Um iPad, uma impressora 3D e um carro autoguiado não bastam para criar uma aldeia inteligente: como descobriu uma geração anterior de críticos das cidades, na ausência de reformas econômicas e sociais, a emancipação provida pela tecnologia é muito limitada. Uma impressora 3D é tão libertadora quando sua capacidade de fornecer uma vida confortável, e não mais –e mesmo assim ela necessita de suprimentos dispendiosos.

E tampouco deve haver aspirações a criar uma "aldeia global" ao modo de Marshall McLuhan. O localismo pode ser bom, em pequenas doses. A "aldeia inteligente" deveria se orgulhar do fato de que todos os seus memes sejam locais. Esse espírito comunitário é importante: não se trata de uma rede de "bangalôs eletrônicos", como previu Alvin Toffler em seu "A Terceira Onda", best seller de 1980. O ponto não é trabalhar mais em ambientes mais bonitinhos, mas questionar o quanto trabalhamos.

Explorar os ritmos temporais, os padrões de conectividade, e os rituais de trabalho da "aldeia inteligente" deveria nos levar a reconsiderar a visão atual quanto à "cidade inteligente". Eficiência, produtividade e solução antecipada de problemas são objetivos louváveis para os executivos de vendas da IBM e o governo autoritário hi-tech de Cingapura.
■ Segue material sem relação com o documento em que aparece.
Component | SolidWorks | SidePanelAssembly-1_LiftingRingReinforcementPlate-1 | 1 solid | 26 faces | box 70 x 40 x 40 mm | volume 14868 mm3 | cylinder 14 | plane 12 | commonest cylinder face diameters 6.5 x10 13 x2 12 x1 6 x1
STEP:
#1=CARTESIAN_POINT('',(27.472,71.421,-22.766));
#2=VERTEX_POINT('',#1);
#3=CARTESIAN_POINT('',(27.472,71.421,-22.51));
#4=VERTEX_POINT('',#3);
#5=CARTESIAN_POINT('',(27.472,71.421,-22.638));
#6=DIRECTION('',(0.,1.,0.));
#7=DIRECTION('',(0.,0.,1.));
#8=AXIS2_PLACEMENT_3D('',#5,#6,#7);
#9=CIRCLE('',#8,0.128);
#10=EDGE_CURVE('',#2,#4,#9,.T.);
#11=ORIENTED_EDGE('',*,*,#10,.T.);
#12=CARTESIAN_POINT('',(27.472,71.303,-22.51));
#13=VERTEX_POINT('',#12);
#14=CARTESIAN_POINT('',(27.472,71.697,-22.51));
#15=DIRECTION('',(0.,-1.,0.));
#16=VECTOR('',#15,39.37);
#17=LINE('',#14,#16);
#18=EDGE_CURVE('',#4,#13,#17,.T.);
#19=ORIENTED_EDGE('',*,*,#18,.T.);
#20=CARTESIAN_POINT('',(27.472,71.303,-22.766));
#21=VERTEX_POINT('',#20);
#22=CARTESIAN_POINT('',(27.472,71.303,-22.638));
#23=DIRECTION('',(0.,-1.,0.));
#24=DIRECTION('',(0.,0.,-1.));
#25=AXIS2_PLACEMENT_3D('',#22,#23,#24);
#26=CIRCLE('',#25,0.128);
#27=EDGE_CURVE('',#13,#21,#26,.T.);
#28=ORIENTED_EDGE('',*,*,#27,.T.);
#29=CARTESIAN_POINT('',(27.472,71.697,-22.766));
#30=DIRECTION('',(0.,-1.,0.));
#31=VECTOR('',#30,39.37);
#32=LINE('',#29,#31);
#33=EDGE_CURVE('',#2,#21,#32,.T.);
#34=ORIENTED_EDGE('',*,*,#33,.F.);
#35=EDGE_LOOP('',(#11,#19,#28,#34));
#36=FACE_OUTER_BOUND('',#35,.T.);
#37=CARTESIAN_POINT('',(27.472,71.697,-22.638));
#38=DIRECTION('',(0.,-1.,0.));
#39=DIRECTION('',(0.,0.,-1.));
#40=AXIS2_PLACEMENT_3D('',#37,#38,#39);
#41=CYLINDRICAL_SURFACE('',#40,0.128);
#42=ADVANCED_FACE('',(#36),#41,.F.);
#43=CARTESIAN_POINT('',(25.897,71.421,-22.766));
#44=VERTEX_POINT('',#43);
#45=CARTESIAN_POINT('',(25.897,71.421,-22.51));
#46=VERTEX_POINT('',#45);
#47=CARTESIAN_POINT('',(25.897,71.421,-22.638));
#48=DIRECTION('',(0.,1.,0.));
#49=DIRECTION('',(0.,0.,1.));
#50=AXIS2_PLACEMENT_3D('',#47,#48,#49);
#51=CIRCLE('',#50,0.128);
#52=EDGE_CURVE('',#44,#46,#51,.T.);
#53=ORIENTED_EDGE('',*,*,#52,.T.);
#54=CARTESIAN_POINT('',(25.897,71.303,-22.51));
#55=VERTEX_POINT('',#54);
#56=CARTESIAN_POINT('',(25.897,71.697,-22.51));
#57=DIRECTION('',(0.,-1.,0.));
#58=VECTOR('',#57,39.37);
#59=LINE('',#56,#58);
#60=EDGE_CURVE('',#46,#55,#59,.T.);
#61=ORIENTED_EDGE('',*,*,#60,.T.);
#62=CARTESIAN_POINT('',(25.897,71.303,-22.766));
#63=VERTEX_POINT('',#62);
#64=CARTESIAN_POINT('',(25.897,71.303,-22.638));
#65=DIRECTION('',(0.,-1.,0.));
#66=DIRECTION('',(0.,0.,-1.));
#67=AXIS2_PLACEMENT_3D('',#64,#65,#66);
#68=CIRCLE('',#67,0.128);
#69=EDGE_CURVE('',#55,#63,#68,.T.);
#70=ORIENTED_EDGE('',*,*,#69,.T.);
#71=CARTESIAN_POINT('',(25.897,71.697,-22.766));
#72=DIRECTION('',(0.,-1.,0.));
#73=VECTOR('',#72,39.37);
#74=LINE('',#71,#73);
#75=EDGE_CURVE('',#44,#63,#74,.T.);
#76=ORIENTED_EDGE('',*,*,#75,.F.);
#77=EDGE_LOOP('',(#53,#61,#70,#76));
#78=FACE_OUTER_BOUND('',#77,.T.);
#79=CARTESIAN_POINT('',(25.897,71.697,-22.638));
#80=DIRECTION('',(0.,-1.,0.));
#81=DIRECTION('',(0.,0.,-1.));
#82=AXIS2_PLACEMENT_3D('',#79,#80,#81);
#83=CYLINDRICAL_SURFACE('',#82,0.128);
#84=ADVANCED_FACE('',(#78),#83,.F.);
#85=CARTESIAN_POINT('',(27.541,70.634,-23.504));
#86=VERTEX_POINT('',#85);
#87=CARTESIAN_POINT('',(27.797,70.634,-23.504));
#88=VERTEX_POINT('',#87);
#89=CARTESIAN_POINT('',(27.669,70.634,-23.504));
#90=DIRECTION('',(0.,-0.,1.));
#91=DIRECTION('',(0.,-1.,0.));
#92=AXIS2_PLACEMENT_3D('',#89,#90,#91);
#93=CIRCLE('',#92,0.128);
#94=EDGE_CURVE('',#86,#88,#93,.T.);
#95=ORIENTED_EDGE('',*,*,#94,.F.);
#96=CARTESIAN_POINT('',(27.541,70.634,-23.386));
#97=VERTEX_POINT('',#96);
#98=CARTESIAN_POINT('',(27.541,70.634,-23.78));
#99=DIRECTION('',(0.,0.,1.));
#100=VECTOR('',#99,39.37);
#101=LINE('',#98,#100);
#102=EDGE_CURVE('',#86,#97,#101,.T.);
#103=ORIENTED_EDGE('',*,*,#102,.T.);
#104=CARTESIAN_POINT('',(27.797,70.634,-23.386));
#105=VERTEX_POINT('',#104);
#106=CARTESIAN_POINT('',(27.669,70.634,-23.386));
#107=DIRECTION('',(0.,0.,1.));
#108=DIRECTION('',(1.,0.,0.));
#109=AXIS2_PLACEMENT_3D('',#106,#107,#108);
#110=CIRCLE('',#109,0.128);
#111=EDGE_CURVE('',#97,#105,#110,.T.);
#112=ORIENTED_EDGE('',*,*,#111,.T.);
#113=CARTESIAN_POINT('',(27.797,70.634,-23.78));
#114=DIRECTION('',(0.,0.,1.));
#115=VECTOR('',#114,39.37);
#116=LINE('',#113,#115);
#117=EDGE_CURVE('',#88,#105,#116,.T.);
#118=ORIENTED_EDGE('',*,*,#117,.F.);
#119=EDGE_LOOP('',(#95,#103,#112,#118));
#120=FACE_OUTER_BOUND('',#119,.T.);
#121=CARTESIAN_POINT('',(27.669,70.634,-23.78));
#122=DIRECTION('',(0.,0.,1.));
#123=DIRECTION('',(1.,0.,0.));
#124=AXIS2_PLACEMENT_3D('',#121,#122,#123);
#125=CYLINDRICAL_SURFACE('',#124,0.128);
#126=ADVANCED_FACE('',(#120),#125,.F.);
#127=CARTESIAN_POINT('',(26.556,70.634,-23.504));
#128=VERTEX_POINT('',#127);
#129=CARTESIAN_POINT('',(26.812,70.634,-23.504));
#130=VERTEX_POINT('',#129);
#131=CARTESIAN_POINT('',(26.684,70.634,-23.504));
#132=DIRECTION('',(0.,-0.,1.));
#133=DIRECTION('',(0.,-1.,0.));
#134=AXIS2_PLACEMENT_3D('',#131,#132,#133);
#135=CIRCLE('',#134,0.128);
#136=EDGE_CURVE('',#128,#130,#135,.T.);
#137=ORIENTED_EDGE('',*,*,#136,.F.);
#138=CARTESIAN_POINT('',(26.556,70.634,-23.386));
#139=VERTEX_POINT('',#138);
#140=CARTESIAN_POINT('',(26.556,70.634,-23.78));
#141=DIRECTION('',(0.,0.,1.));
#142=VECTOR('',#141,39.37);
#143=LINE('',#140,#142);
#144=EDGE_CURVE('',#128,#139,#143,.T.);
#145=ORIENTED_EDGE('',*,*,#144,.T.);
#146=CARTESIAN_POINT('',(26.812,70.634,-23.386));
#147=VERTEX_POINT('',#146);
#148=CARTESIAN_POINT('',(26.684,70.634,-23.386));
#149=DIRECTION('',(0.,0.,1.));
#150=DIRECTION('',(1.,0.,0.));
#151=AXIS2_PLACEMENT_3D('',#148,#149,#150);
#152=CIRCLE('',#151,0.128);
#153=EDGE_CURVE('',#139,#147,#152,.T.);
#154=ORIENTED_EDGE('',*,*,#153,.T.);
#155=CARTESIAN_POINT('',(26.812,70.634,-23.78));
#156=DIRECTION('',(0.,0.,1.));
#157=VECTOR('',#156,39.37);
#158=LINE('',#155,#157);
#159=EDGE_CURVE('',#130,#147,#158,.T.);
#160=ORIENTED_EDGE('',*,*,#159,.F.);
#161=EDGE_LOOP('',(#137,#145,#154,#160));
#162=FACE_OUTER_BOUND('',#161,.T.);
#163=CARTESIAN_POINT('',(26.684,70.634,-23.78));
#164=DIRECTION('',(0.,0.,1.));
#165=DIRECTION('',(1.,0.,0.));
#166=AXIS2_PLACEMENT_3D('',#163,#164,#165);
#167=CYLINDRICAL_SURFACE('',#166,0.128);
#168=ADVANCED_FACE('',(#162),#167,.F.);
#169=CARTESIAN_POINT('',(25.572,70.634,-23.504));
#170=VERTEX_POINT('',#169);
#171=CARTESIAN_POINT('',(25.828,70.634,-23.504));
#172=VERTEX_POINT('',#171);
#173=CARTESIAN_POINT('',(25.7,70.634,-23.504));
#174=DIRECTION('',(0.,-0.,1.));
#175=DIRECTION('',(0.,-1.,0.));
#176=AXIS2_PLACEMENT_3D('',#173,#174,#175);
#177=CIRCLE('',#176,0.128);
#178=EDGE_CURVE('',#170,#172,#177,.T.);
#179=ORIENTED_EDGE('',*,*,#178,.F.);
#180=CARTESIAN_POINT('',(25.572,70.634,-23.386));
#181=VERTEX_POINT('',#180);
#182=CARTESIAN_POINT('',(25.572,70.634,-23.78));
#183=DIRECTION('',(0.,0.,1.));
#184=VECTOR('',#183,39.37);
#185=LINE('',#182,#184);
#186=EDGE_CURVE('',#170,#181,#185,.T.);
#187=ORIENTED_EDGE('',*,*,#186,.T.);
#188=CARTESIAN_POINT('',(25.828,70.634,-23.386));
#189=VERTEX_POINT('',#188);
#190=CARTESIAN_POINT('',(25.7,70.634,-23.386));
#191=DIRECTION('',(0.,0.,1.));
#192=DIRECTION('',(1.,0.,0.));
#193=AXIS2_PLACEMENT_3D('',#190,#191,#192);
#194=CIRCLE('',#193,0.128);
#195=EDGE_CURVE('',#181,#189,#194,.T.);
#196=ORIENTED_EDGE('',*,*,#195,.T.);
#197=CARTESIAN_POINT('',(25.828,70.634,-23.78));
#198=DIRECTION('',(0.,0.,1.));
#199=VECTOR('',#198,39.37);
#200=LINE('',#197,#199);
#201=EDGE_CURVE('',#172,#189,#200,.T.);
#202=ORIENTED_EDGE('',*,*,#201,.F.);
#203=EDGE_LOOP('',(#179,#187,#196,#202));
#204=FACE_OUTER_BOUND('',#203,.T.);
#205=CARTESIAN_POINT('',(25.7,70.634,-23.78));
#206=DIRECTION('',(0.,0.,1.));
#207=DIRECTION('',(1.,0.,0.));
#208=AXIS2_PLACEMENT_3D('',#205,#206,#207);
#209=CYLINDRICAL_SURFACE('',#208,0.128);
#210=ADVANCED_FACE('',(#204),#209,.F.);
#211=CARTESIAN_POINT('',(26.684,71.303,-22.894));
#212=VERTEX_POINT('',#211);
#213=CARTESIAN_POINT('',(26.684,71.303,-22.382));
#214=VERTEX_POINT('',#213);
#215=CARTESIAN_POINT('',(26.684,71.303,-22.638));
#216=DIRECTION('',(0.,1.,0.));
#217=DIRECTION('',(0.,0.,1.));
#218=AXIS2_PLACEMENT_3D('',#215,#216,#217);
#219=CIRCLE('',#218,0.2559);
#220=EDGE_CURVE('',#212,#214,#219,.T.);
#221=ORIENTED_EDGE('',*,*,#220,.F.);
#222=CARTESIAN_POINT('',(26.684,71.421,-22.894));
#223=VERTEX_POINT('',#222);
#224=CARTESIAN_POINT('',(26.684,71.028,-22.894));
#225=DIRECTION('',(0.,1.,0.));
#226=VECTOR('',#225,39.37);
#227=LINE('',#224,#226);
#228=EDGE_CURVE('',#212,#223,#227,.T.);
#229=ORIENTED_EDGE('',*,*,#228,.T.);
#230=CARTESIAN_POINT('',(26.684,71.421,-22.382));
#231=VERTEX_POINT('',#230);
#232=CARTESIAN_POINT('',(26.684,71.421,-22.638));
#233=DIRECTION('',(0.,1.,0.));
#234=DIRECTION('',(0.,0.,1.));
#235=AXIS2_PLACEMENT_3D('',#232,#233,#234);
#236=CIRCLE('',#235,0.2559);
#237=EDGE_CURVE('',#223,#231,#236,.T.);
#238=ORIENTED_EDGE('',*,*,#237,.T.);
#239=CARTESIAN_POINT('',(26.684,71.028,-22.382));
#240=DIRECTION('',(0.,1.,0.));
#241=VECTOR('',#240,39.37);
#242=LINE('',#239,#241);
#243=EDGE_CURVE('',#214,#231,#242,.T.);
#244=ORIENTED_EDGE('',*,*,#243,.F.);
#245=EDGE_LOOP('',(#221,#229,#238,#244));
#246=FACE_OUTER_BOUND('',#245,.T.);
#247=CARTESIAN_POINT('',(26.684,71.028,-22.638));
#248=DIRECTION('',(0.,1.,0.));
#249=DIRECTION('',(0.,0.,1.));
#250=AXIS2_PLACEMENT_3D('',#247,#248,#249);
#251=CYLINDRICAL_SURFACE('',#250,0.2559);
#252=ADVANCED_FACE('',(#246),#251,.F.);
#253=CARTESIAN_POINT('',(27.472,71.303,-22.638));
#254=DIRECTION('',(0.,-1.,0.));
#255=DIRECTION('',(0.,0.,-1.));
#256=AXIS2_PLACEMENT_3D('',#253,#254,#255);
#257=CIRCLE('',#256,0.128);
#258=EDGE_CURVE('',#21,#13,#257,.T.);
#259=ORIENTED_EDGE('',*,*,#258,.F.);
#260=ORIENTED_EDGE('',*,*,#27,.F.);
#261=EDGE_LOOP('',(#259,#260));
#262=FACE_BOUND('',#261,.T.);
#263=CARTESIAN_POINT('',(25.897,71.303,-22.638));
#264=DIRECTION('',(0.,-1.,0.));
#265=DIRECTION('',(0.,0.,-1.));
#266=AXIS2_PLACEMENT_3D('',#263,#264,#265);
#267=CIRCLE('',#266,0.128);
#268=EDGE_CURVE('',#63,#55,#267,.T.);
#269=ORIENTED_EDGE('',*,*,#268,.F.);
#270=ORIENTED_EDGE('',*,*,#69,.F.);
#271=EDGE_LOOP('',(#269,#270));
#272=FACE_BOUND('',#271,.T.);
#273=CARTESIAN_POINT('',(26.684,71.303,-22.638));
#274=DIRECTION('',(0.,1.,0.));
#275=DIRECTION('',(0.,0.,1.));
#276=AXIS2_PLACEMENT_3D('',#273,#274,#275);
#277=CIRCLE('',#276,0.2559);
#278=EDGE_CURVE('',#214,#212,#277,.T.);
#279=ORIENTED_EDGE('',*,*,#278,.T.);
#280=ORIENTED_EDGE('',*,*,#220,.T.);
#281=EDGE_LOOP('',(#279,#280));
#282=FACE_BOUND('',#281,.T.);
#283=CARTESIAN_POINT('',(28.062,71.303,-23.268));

Mas as cidades sempre prezaram mais que o comércio. Também realizavam festivais –atividades de recreação e lazer que representam a antítese do paradigma taylorista e hipereficiente da "cidade inteligente". Uma cidade aberta ao lazer não seria em nada menos "inteligente" do que Cingapura. Vamos nos arrepender de permitir que os promotores de vendas da tecnologia nos convençam do contrário– se, é claro, tivermos tempo para todos esses arrependimentos.